Copyright 1994 Martha Frisoli  [my maiden name]  All Right Reserved

 

Gamma Alpha Lambda
Eggs, Eggs, Eggs....



     Norma Wainscott, PsyD., Clinical Psychologist, Cambridge Hospital, Department Of Psychiatry, Outpatient Department, was sick of being NormaNorma The Dependable One.  Norma Neo-Freudian.  Norma Who Never Strayed. One month at Macht, the hospital's psych building, was all it took for everyone to share the same representation of Norma.  Everyone.  Patients. Colleagues.  Even the custodial staff.  There goes Norma, their faces said, as she quietly moved through the corridors.  Good old rational Norma.  It was bad enough the whole Psychiatry Department knew she was Norma, one and the same, no matter if it were Tuesday at ten in the morning, or midnight Saturday.  But word had drifted like a toxic smoke signal across the hospital parking lot into the cafeteria; and the macho lab techs were teasing her.  Hey, Norma, whatcha do this weekend,  Bulging Hunks Of ManMeat called to her, as she dotted her garden salad with cubes of tofu.  Hey Norma, you got pictures? It was all so embarrassing.  Even her sexual fantasy objects knew she never played.

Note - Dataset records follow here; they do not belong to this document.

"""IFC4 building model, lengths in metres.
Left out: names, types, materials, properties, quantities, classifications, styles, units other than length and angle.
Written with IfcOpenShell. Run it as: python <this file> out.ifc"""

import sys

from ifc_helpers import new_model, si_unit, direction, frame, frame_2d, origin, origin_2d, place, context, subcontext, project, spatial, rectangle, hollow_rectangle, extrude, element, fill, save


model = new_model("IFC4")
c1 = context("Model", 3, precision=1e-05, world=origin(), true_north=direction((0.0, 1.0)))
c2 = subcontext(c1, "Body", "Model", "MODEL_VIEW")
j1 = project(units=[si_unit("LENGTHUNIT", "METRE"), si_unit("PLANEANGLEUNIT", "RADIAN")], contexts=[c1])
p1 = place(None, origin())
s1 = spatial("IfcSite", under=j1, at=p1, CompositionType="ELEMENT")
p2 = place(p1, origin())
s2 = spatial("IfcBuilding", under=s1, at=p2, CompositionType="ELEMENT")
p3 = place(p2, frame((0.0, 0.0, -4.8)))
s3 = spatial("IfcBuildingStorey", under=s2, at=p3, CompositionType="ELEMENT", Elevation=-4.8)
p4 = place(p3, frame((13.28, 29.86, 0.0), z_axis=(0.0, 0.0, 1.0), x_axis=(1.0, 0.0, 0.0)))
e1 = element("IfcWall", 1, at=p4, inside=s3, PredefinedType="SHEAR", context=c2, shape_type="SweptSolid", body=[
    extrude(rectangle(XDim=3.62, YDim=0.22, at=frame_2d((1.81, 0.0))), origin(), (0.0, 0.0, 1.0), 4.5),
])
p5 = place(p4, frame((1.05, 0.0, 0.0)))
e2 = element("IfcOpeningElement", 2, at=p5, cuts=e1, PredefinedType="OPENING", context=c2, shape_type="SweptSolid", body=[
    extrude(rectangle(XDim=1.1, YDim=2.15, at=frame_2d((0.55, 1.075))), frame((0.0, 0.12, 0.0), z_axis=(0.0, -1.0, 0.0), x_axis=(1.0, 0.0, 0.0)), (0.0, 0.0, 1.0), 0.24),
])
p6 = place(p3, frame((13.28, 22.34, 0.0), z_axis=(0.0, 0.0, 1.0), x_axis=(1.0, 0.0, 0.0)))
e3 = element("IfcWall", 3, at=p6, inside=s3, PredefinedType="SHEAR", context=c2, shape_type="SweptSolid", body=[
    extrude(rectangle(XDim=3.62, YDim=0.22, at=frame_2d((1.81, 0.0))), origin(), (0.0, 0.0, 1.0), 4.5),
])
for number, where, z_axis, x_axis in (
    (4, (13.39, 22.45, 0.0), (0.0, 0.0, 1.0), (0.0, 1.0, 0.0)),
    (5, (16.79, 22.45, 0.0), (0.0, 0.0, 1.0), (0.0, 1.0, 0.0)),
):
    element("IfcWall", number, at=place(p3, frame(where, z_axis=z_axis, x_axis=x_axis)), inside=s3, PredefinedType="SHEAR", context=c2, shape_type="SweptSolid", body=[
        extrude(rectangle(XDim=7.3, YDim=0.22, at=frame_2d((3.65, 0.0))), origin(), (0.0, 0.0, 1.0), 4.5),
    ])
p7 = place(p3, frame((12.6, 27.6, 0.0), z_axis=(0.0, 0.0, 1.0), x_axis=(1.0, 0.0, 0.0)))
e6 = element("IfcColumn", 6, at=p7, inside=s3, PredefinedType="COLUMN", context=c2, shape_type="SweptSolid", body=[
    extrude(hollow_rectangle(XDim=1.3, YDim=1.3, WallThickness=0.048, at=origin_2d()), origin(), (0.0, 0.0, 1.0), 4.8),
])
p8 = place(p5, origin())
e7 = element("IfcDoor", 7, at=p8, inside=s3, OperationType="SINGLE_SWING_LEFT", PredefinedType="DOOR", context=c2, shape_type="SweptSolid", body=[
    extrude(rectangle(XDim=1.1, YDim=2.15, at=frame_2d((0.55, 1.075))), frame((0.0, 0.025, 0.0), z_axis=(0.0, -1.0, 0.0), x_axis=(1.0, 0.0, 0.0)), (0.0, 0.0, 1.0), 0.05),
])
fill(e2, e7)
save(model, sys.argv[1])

     Whatever could she tell them? That she'd gone to a weekend conference on self-addiction?  Spent Valentine's Day with a Goddess group? Sat with her unmarried supervisor night after night at a juice bar, discussing psychopharm?

     Not that her life had evolved in all that awful a way. Playing it safe had definite benefits. That's how she got to Vassar. That's how she got honors. That's how she got, once and for all, out of the Bronx. Trouble was, Norma never learned how not to play it safe. Even in love she opted for the manageable: wiry bespectacled men, endlessly ruminative, their eyeglasses slipping, their shirttails dragging as they lived and relived their lives -- in scene, in scent, in sound -- over and over, inside their heads, inside the circle of intimacy they feebly attempted to draw.  Expecting Norma to sit back and watch, transfixed.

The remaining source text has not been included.